The second exception under rule 3.08(a)(2) allows an attorney to testify solely to a matter of formality, where there is no reason to believe that substantial evidence will be offered in opposition to the testimony. Appellant argues that attorney Gonzalez could have testified as a matter of formality to prove up a predicate for offering the conversation tapes into evidence, and there was no reason to believe that substantial evidence would have been offered in opposition thereto. If Percy refused to identify the voice on the tapes as his, appellant reasons that some person other than attorney Gonzalez familiar with Percy’s voice could have authenticated the recordings under rule 901(b)(5), Texas Rules of Evidence. The predicate for the admissibility of the tapes could have been heard by the trial court out of the hearing of the jury without limiting the right of a party to introduce the evidence relevant to weight or credibility under rule 104 Texas Rules of Evidence.

There could not have been anything unusually confusing if the trial court had applied either of these exceptions.

By disqualifying attorney Gonzalez, the trial court violated appellant’s constitutional right to counsel of his choice. The right of an accused in a criminal proceeding to the assistance of counsel is guaranteed by the Sixth Amendment to the United States Constitution, Article I, Section 10, of the Texas Constitution, and article 1.05, of the *887Texas Code of Criminal Procedure. The right includes the freedom of choice in the selection of counsel by the accused. See United States v. Sotelo, 97 F.3d 782 (5th Cir.1996); Ex Parte Prejean, 625 S.W.2d 731, 733 (Tex.Crim.App.1981); Childress v.
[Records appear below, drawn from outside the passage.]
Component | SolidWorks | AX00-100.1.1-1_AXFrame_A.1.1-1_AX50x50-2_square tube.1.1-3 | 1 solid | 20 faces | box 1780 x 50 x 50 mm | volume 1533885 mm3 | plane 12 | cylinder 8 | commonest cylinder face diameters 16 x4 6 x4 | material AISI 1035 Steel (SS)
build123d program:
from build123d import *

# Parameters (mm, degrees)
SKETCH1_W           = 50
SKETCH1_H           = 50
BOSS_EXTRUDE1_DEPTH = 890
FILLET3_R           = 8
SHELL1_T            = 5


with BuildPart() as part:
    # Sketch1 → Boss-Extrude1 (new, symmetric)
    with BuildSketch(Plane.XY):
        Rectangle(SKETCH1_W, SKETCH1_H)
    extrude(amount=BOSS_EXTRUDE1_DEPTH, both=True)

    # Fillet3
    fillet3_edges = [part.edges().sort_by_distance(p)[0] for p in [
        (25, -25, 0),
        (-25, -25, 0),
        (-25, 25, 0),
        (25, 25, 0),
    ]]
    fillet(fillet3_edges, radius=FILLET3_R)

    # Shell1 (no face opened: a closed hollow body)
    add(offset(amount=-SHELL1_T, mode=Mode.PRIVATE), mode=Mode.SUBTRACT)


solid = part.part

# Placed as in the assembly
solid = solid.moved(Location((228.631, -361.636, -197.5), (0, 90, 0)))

State, 794 S.W.2d 119, 121 (Tex.App.— Houston[1st Dist.] 1990, pet. ref'd). Unreasonable or arbitrary interference with the right to choose counsel rises to the level of a constitutional violation. See Kozacki v. Knize, 883 S.W.2d 760, 762-763 (Tex.App. — Waco 1994, no pet.).

I would sustain appellant’s point one. Because the trial court error was of a constitutional dimension subject to harmless error review, we must reverse and remand because we cannot determine beyond a reasonable doubt that the error did not contribute to the conviction. Tex. R.App. P. 44.2(a).